Developer Guide

FPGA Optimization Guide for Intel® oneAPI Toolkits

ID 767853
Date 3/31/2023
Public

A newer version of this document is available. Customers should click here to go to the newest version.

Document Table of Contents

Conversion Rules for ap_float

You can convert between different sizes of ap_float data types through assignment or by using the convert_to() function. For example,

using namespace ihc; 
ap_float<8, 32> myFloat = ...; 
ap_float<3, 18> myFloat2 = myFloat; // use rounding rules defined by ap_float type 

// use rounding rules defined in convert_to() function call
ap_float <3, 18> myFloat3 = myFloat.convert_to<3, 18, ihc::fp_config::FP_Round::RZERO>();

To convert between native types (for example, float, double) and ap_float data types, assign to or from the types. Type conversion in an assignment occurs according to the rules mentioned in Table 1.

For two ap_float variables in a binary operation, the ap_float variable with the larger exponent bit-width is considered to be the larger variable. If two variables have the same exponent bit width, the variable with the larger mantissa bit-width is considered to be the larger variable. The operands are then unified to the larger type before the binary operation occurs.

Native floating-point data types and ap_float data types are converted to ap_float data types according to the rules in Table 1.

The Intel® oneAPI DPC++/C++ Compiler also provides some operations that leave the precision of input types untouched and provide control over the output precision. For more details, refer to Operations with Explicit Precision Controls.

Default Conversion Rules for ap_float Variables
Data Type From ap_float To Data Type From Data Type To ap_float
ap_float with higher representable range

Keep exponent equivalent.

The mantissa is rounded according to the rounding mode of the target ap_float (with the higher representable range).

+-Inf if the source of the conversion is out of the representable range. Otherwise, keep exponent equivalent.

The mantissa is rounded according to the rounding mode of the target ap_float (with the smaller representable range).

float Convert original ap_float to ap_float<8, 23> with the previous ap_float rule, and then bit cast to float. Bit-cast float to ap_float<8, 23>, and then convert to target ap_float precision using the ap_float to ap_float rules described previously.
double Convert original ap_float to ap_float<11, 52> with earlier ap_float rule, and then bit cast to double.

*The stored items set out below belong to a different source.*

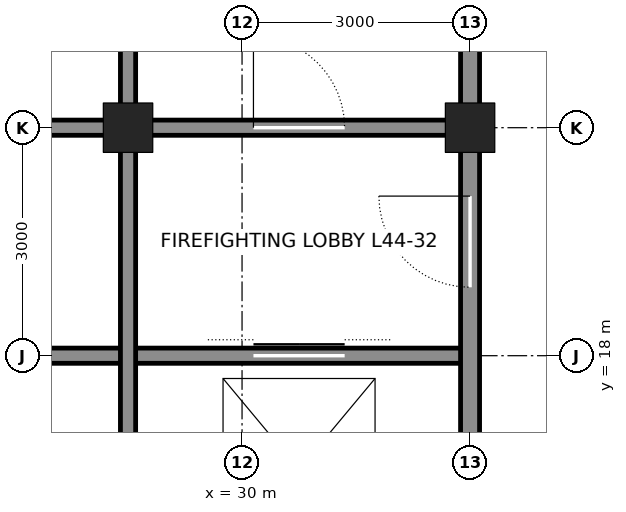
"""IFC4 building model, lengths in metres.
Left out: names, types, materials, properties, quantities, classifications, styles, units other than length and angle.
Written with IfcOpenShell. Run it as: python <this file> out.ifc"""

import sys

from ifc_helpers import new_model, si_unit, direction, frame, frame_2d, origin, origin_2d, place, context, subcontext, project, spatial, rectangle, hollow_rectangle, extrude, element, fill, save


model = new_model("IFC4")
c1 = context("Model", 3, precision=1e-05, world=origin(), true_north=direction((0.0, 1.0)))
c2 = subcontext(c1, "Body", "Model", "MODEL_VIEW")
j1 = project(units=[si_unit("LENGTHUNIT", "METRE"), si_unit("PLANEANGLEUNIT", "RADIAN")], contexts=[c1])
p1 = place(None, origin())
s1 = spatial("IfcSite", under=j1, at=p1, CompositionType="ELEMENT")
p2 = place(p1, origin())
s2 = spatial("IfcBuilding", under=s1, at=p2, CompositionType="ELEMENT")
p3 = place(p2, frame((0.0, 0.0, 201.3)))
s3 = spatial("IfcBuildingStorey", under=s2, at=p3, CompositionType="ELEMENT", Elevation=201.3)
for number, where, z_axis, x_axis in (
    (1, (33.0, 21.0, 0.0), (0.0, 0.0, 1.0), (1.0, 0.0, 0.0)),
    (2, (28.5, 21.0, 0.0), (0.0, 0.0, 1.0), (1.0, 0.0, 0.0)),
):
    element("IfcColumn", number, at=place(p3, frame(where, z_axis=z_axis, x_axis=x_axis)), inside=s3, PredefinedType="COLUMN", context=c2, shape_type="SweptSolid", body=[
        extrude(hollow_rectangle(XDim=0.65, YDim=0.65, WallThickness=0.065, at=origin_2d()), origin(), (0.0, 0.0, 1.0), 4.2),
    ])
p4 = place(p3, frame((25.5, 18.0, 0.0), z_axis=(0.0, 0.0, 1.0), x_axis=(1.0, 0.0, 0.0)))
e3 = element("IfcWall", 3, at=p4, inside=s3, PredefinedType="SOLIDWALL", context=c2, shape_type="SweptSolid", body=[
    extrude(rectangle(XDim=7.5, YDim=0.2, at=frame_2d((3.75, 0.0))), origin(), (0.0, 0.0, 1.0), 4.04),
])
p5 = place(p4, frame((4.65, 0.0, 0.0)))
e4 = element("IfcOpeningElement", 4, at=p5, cuts=e3, PredefinedType="OPENING", context=c2, shape_type="SweptSolid", body=[
    extrude(rectangle(XDim=1.2, YDim=2.1, at=frame_2d((0.6, 1.05))), frame((0.0, 0.11, 0.0), z_axis=(0.0, -1.0, 0.0), x_axis=(1.0, 0.0, 0.0)), (0.0, 0.0, 1.0), 0.22),
])
p6 = place(p3, frame((25.5, 21.0, 0.0), z_axis=(0.0, 0.0, 1.0), x_axis=(1.0, 0.0, 0.0)))
e5 = element("IfcWall", 5, at=p6, inside=s3, PredefinedType="SOLIDWALL", context=c2, shape_type="SweptSolid", body=[
    extrude(rectangle(XDim=2.75, YDim=0.2, at=frame_2d((1.375, 0.0))), origin(), (0.0, 0.0, 1.0), 3.09),
])
p7 = place(p3, frame((28.75, 21.0, 0.0), z_axis=(0.0, 0.0, 1.0), x_axis=(1.0, 0.0, 0.0)))
e6 = element("IfcWall", 6, at=p7, inside=s3, PredefinedType="SOLIDWALL", context=c2, shape_type="SweptSolid", body=[
    extrude(rectangle(XDim=4.0, YDim=0.2, at=frame_2d((2.0, 0.0))), origin(), (0.0, 0.0, 1.0), 3.09),
])
p8 = place(p7, frame((1.4, 0.0, 0.0)))
e7 = element("IfcOpeningElement", 7, at=p8, cuts=e6, PredefinedType="OPENING", context=c2, shape_type="SweptSolid", body=[
    extrude(rectangle(XDim=1.2, YDim=2.1, at=frame_2d((0.6, 1.05))), frame((0.0, 0.11, 0.0), z_axis=(0.0, -1.0, 0.0), x_axis=(1.0, 0.0, 0.0)), (0.0, 0.0, 1.0), 0.22),
])
p9 = place(p3, frame((28.5, 12.25, 0.0), z_axis=(0.0, 0.0, 1.0), x_axis=(0.0, 1.0, 0.0)))
e8 = element("IfcWall", 8, at=p9, inside=s3, PredefinedType="SOLIDWALL", context=c2, shape_type="SweptSolid", body=[
    extrude(rectangle(XDim=8.5, YDim=0.2, at=frame_2d((4.25, 0.0))), origin(), (0.0, 0.0, 1.0), 3.113),
])
p10 = place(p3, frame((28.5, 21.25, 0.0), z_axis=(0.0, 0.0, 1.0), x_axis=(0.0, 1.0, 0.0)))
e9 = element("IfcWall", 9, at=p10, inside=s3, PredefinedType="SOLIDWALL", context=c2, shape_type="SweptSolid", body=[
    extrude(rectangle(XDim=2.5, YDim=0.2, at=frame_2d((1.25, 0.0))), origin(), (0.0, 0.0, 1.0), 3.113),
])
p11 = place(p3, frame((33.0, 12.25, 0.0), z_axis=(0.0, 0.0, 1.0), x_axis=(0.0, 1.0, 0.0)))
e10 = element("IfcWall", 10, at=p11, inside=s3, PredefinedType="SOLIDWALL", context=c2, shape_type="SweptSolid", body=[
    extrude(rectangle(XDim=8.5, YDim=0.25, at=frame_2d((4.25, 0.0))), origin(), (0.0, 0.0, 1.0), 3.113),
])
p12 = place(p11, frame((6.65, 0.0, 0.0)))
e11 = element("IfcOpeningElement", 11, at=p12, cuts=e10, PredefinedType="OPENING", context=c2, shape_type="SweptSolid", body=[
    extrude(rectangle(XDim=1.2, YDim=2.1, at=frame_2d((0.6, 1.05))), frame((0.0, 0.135, 0.0), z_axis=(0.0, -1.0, 0.0), x_axis=(1.0, 0.0, 0.0)), (0.0, 0.0, 1.0), 0.27),
])
p13 = place(p11, frame((0.875, 0.0, 0.0)))
e12 = element("IfcOpeningElement", 12, at=p13, cuts=e10, PredefinedType="OPENING", context=c2, shape_type="SweptSolid", body=[
    extrude(rectangle(XDim=0.75, YDim=2.1, at=frame_2d((0.375, 1.05))), frame((0.0, 0.135, 0.0), z_axis=(0.0, -1.0, 0.0), x_axis=(1.0, 0.0, 0.0)), (0.0, 0.0, 1.0), 0.27),
])
p14 = place(p3, frame((33.0, 21.25, 0.0), z_axis=(0.0, 0.0, 1.0), x_axis=(0.0, 1.0, 0.0)))
e13 = element("IfcWall", 13, at=p14, inside=s3, PredefinedType="SOLIDWALL", context=c2, shape_type="SweptSolid", body=[
    extrude(rectangle(XDim=2.5, YDim=0.25, at=frame_2d((1.25, 0.0))), origin(), (0.0, 0.0, 1.0), 3.113),
])
p15 = place(p8, origin())
e14 = element("IfcDoor", 14, at=p15, inside=s3, OperationType="SINGLE_SWING_LEFT", PredefinedType="DOOR", context=c2, shape_type="SweptSolid", body=[
    extrude(rectangle(XDim=1.2, YDim=2.1, at=frame_2d((0.6, 1.05))), frame((0.0, 0.025, 0.0), z_axis=(0.0, -1.0, 0.0), x_axis=(1.0, 0.0, 0.0)), (0.0, 0.0, 1.0), 0.05),
])
fill(e7, e14)
p16 = place(p12, origin())
e15 = element("IfcDoor", 15, at=p16, inside=s3, OperationType="SINGLE_SWING_RIGHT", PredefinedType="DOOR", context=c2, shape_type="SweptSolid", body=[
    extrude(rectangle(XDim=1.2, YDim=2.1, at=frame_2d((0.6, 1.05))), frame((0.0, 0.025, 0.0), z_axis=(0.0, -1.0, 0.0), x_axis=(1.0, 0.0, 0.0)), (0.0, 0.0, 1.0), 0.05),
])
fill(e11, e15)
p17 = place(p5, origin())
e16 = element("IfcDoor", 16, at=p17, inside=s3, OperationType="DOUBLE_DOOR_SLIDING", PredefinedType="DOOR", context=c2, shape_type="SweptSolid", body=[
    extrude(rectangle(XDim=1.2, YDim=2.1, at=frame_2d((0.6, 1.05))), frame((0.0, 0.025, 0.0), z_axis=(0.0, -1.0, 0.0), x_axis=(1.0, 0.0, 0.0)), (0.0, 0.0, 1.0), 0.05),
])
fill(e4, e16)
save(model, sys.argv[1])

Bit-cast double to ap_float<11, 52>, and then convert to the target ap_float precision using the ap_float to ap_float rules described earlier.
long double

(emulation only)

(Linux only)

Convert the original ap_float to ap_float<15, 63> with the earlier ap_float rule, and then insert a 1-bit 1 to the MSB of fraction bits to get an approximate equivalent of 80-bit representation of a long double. Drop the explicit one fraction bit to convert long double to 79-bit ap_float<15, 63>.
C++ native integer types

Truncate towards zero. Converting from ap_float that is larger than the range of integer type is an undefined behavior.

Round to the nearest, tie breaks to even. If the integer value is too large, the ap_float value saturates to plus infinity.

NOTE:

You must avoid assigning the result of the convert_to function to another ap_float variable. This is because if the left-hand side of the assignment has a different exponent or mantissa widths than the ones specified in the convert_to function on the right-hand side, another conversion can occur.